The key to the plan would be removal of bank supervision authority from the Federal Reserve, the Federal Deposit Insurance Corporation, the Office of Comptroller of the Currency, and the Office of Thrift Supervision, OTS, giving it to a new Financial Institutions Regulatory Administration, while leaving in place the state banking system.
- The bill would end the practice of financial institutions being able to choose their own regulators, as insurance giant, American International Group, AIG, did by choosing the notoriously lax OTS, after AIG bought a small savings and loan a decade ago. To date, AIG has cost taxpayers $180 billion.
- The bill establishes a new Office of National Insurance within the Treasury Department to monitor the insurance industry.
- For the first time there would be federal regulation of mortgage brokers and payday lenders insuring that companies offering identical financial products get regulated the same way as federally insured banks.
- The bill establishes the Agency for Financial Stability to monitor the economy for signs of risk. It gives the agency the authority to break up large companies that pose systemic risk to the nation’s financial structure, ending the assumption that some financial institutions are simply too big to fail.
- It establishes new oversight and requires transparency for financial derivatives and hedge funds, filling regulatory gaps.
- The proposal mandates that companies allow nonbinding votes by shareholders on executive pay and golden parachutes.
- It create a new Office of Financial Literacy.
- It established an Office of Credit Rating Agencies within the Securities and Exchange Commission, SEC, to regulate the credit rating agencies that exaggerated the solidity of mortgage backed securities. Companies that sell mortgage backed securities will now be required to retain a portion of the risk. The bill provides for additional investor protection through the SEC.
- The proposal establishes a new Consumer Financial Protection Agency, CFPA, to regulate consumer financial products. Authority would extend to hikes in credit card interest rates and overdraft fees. The CFPA would be charged with ending unfair, deceptive or abusive lending practices. The agency could require more detailed consumer disclosure or even ban offerings like subprime mortgages. Washington’s current regulators have been roundly criticized for favoring large financial institutions over consumer interests. This agency is designed to give consumers a place at the table.
Banks are in an uproar over the proposed CFPA, since it can require detailed examination and levy fines for non compliance. Some of the most intense lobbying to combat the CFPA is by the banks that were propped up by billions of dollars in bailout money. Bank of America has spent $2.4 million in Capitol Hill lobbying this year, while Citigroup’s efforts have cost $4.25 million. Other financial firms have funneled millions through the US Chamber of Commerce, that has launched a $2-million advertising campaign opposing the agency.
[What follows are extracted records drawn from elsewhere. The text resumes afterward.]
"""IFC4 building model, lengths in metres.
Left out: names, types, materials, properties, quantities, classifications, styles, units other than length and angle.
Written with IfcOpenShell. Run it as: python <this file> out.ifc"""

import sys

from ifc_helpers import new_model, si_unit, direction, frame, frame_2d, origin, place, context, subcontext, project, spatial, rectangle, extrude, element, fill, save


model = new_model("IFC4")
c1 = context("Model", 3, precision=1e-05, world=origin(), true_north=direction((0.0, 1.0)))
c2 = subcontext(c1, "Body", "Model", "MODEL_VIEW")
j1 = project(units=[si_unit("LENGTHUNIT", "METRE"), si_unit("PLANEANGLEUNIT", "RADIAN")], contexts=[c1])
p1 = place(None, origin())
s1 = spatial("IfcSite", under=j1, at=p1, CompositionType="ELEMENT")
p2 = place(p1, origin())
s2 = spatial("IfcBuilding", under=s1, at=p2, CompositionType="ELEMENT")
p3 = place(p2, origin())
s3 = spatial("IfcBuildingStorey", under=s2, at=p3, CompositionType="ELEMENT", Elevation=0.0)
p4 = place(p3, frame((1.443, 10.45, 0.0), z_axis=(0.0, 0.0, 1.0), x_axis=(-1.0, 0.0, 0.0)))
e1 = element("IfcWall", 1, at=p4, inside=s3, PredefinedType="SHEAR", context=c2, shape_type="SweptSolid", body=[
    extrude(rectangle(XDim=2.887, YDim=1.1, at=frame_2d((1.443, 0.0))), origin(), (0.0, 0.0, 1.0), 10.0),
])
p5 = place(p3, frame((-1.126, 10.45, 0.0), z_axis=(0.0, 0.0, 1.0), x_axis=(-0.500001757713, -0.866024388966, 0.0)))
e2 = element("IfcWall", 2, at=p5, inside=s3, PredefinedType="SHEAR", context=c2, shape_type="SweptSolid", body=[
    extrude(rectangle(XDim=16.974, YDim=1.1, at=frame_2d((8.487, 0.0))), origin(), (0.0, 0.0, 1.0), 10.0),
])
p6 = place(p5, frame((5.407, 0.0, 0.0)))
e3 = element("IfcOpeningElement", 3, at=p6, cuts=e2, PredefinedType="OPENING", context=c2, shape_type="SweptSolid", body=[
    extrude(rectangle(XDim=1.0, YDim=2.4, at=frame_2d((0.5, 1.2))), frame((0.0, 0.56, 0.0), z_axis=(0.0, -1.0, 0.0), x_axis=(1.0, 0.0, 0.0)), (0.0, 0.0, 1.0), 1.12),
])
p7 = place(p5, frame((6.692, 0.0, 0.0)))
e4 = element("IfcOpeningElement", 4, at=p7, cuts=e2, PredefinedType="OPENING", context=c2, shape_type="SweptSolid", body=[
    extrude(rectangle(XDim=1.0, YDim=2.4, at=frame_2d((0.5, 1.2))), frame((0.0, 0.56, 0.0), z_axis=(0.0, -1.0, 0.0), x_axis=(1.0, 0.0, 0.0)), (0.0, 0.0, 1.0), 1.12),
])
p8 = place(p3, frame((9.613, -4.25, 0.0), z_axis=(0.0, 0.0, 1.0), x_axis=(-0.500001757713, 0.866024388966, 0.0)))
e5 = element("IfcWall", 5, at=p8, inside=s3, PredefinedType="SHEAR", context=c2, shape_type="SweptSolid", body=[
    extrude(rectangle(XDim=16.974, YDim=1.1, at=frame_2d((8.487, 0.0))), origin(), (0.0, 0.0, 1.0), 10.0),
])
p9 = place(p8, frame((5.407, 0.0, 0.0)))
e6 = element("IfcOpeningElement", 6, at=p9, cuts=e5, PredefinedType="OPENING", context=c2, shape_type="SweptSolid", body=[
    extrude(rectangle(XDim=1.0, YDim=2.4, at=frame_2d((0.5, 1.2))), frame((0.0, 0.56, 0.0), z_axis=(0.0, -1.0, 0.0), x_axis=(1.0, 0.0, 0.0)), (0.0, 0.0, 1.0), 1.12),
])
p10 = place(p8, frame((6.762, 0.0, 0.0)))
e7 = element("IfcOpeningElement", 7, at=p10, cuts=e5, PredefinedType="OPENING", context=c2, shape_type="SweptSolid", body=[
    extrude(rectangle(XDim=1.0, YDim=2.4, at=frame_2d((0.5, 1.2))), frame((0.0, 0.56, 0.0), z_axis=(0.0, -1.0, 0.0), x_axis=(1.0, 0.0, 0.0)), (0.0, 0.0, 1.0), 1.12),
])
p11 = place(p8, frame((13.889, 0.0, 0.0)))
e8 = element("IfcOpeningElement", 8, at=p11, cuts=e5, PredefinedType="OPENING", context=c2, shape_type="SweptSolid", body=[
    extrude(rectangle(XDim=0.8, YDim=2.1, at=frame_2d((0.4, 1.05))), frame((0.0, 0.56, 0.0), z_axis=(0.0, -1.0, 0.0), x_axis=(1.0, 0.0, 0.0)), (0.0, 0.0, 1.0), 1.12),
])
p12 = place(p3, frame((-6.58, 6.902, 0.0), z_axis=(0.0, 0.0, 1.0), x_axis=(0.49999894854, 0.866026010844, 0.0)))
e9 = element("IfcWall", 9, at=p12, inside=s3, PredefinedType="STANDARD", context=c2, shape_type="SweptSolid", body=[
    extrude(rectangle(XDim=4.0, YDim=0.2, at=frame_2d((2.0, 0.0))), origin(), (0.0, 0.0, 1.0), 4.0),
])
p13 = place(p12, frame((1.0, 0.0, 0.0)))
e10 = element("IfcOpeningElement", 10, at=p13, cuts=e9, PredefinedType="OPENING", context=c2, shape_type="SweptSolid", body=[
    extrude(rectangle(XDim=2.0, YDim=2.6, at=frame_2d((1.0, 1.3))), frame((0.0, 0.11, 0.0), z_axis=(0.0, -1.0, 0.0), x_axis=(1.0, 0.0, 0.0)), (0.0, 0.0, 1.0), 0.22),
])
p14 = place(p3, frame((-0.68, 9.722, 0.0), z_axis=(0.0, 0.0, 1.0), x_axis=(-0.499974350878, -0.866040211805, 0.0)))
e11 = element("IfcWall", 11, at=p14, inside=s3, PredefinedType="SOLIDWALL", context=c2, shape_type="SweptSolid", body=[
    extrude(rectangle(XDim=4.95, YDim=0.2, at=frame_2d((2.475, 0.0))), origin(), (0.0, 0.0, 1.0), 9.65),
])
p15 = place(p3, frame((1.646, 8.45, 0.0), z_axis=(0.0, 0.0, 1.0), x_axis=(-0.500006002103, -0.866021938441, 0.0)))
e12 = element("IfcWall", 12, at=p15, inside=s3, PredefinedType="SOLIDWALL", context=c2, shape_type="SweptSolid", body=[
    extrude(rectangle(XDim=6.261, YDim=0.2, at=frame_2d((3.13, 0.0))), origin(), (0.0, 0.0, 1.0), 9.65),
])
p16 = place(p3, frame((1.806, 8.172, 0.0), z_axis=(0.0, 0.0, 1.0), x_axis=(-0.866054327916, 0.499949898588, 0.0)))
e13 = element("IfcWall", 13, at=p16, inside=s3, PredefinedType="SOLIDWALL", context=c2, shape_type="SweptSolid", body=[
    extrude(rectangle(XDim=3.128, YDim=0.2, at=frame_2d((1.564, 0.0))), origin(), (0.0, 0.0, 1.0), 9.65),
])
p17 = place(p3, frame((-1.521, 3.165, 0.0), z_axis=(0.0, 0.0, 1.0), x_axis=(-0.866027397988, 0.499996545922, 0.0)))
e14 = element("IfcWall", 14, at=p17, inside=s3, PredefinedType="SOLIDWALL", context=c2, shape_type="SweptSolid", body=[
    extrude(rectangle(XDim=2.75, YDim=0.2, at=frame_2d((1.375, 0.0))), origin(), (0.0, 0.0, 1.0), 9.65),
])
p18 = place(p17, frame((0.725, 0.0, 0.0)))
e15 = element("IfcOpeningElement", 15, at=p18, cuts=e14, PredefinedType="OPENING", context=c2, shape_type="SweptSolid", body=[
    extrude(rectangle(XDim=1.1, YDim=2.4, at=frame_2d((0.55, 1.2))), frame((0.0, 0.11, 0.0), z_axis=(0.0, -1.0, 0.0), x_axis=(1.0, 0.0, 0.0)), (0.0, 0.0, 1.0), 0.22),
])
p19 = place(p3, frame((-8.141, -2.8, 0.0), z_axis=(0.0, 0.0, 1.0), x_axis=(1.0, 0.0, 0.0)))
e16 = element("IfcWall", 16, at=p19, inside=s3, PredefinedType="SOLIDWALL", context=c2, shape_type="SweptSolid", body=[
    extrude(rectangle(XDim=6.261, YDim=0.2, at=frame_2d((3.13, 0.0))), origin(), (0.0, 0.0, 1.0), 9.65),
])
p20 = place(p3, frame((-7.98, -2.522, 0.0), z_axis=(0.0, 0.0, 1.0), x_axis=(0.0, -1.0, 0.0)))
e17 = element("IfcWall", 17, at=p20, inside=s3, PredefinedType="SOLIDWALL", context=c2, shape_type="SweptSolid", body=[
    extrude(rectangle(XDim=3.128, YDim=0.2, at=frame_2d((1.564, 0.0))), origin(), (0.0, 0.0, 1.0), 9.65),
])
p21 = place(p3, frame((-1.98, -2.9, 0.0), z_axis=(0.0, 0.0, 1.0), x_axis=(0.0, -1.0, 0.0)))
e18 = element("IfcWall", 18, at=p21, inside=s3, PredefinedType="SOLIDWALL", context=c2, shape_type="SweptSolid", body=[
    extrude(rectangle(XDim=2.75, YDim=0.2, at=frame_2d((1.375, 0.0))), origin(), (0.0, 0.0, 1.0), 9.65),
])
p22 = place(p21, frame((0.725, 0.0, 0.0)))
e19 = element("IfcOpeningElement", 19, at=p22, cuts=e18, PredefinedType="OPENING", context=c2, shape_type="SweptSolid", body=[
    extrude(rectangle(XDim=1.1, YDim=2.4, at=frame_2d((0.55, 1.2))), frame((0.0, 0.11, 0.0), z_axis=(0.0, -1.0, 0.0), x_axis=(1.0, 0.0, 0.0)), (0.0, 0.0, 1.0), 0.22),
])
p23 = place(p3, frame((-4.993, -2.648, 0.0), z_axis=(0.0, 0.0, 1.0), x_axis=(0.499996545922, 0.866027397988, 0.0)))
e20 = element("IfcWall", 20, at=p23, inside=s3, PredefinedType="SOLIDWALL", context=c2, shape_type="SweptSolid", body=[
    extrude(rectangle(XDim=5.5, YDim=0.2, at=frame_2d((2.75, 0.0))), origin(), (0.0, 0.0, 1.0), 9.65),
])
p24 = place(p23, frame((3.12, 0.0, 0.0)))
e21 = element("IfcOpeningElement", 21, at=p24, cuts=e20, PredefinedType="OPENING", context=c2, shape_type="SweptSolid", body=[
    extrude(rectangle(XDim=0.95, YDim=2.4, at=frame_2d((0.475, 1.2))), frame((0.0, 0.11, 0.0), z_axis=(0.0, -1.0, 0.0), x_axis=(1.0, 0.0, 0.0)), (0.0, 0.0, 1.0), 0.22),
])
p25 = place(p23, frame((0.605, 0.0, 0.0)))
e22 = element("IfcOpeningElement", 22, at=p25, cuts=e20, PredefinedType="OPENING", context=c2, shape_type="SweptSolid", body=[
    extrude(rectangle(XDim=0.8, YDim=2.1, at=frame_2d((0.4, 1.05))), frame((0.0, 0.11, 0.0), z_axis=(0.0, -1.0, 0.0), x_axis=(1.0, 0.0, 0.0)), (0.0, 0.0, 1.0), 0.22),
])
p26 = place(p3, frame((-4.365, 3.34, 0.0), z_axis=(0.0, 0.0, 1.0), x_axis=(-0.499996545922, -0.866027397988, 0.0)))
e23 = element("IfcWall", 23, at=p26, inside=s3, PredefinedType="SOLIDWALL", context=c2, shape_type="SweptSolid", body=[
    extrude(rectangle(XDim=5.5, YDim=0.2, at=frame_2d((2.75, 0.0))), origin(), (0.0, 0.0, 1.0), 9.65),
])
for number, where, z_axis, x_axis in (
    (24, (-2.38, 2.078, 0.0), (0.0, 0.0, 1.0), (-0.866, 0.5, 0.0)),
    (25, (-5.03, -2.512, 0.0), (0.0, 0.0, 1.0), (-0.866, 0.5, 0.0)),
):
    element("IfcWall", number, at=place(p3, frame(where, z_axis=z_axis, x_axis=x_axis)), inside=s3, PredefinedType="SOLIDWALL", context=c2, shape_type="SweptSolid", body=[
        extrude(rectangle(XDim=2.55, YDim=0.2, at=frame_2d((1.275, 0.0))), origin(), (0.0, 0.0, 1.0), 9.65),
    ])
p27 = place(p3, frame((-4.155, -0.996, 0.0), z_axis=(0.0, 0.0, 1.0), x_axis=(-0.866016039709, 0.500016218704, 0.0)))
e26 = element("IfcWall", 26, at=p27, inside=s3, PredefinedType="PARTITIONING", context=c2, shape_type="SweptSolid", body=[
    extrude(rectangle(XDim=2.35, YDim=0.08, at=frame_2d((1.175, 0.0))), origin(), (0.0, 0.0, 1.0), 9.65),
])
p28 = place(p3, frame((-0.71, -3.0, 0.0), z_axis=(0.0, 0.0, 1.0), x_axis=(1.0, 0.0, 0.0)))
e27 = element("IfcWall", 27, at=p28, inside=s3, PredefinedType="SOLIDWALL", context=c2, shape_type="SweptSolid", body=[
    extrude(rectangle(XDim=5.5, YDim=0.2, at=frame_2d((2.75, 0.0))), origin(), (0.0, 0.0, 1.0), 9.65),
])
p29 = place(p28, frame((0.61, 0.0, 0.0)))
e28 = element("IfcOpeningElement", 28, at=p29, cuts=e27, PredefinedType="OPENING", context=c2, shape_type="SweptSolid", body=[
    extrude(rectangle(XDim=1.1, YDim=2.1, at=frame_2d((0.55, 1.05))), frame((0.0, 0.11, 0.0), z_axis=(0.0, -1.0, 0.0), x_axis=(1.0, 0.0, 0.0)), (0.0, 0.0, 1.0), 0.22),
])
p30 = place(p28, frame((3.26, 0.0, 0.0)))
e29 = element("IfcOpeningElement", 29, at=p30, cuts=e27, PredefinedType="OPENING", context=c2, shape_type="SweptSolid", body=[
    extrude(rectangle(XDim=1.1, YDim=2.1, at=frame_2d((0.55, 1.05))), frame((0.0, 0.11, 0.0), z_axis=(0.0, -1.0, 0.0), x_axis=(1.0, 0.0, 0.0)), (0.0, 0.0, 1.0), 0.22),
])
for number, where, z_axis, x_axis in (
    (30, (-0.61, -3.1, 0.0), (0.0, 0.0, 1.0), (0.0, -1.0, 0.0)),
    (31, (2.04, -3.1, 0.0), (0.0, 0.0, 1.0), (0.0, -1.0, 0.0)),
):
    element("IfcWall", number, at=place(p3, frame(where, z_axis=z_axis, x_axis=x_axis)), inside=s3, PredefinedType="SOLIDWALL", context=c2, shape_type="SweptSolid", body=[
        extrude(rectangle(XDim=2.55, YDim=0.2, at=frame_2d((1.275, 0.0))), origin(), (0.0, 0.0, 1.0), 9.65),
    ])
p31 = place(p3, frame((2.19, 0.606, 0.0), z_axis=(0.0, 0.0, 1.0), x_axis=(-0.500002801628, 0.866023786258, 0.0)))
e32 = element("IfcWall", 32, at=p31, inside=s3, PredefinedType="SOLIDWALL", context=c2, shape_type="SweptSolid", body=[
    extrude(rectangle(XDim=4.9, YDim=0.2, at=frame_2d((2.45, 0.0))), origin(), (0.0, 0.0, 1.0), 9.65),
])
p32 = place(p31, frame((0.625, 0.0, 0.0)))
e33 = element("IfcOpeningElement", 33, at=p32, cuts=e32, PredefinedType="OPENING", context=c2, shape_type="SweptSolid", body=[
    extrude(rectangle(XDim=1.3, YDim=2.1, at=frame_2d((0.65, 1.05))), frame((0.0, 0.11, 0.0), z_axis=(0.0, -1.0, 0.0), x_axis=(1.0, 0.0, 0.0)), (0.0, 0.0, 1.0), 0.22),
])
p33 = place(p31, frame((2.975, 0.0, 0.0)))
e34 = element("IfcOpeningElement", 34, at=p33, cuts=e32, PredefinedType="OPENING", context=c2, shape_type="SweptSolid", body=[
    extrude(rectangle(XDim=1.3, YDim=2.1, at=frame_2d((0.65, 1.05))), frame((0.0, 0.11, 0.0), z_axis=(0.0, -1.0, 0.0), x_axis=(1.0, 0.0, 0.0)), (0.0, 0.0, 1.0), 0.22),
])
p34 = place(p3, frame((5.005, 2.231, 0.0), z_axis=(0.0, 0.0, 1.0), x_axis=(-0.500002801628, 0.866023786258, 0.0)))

The Independent Community Bankers of America said in a statement that “The concept is a deeply flawed approach… [it] would ultimately lead to less choice for consumers through a less diverse and robust banking system.”
Yet, AFL-CIO President Richard Trumka backed Senator Dodd’s proposal as a “very significant step forward toward the kind of strong, comprehensive financial regulation that our country needs if we are to turn away from the practices that led to the economic crisis that did such harm to working people.”
“You’re given very few moments in history to make this kind of a difference,” Senator Dodd said at the press conference that announced the bill. “This is not a time for timidity in this area.”
The broad range of reforms threatens to hold up the passage of any significant financial regulation any time soon, because it would still have to go through the House. There is a move to strip out the legislation creating the Consumer Financial Protection Agency which closely matches the bill already passed by the lower chamber. If that verbiage is pared from the rest of the proposal and passes the Senate, legislation creating the CFPA could be signed by the President before the year’s end.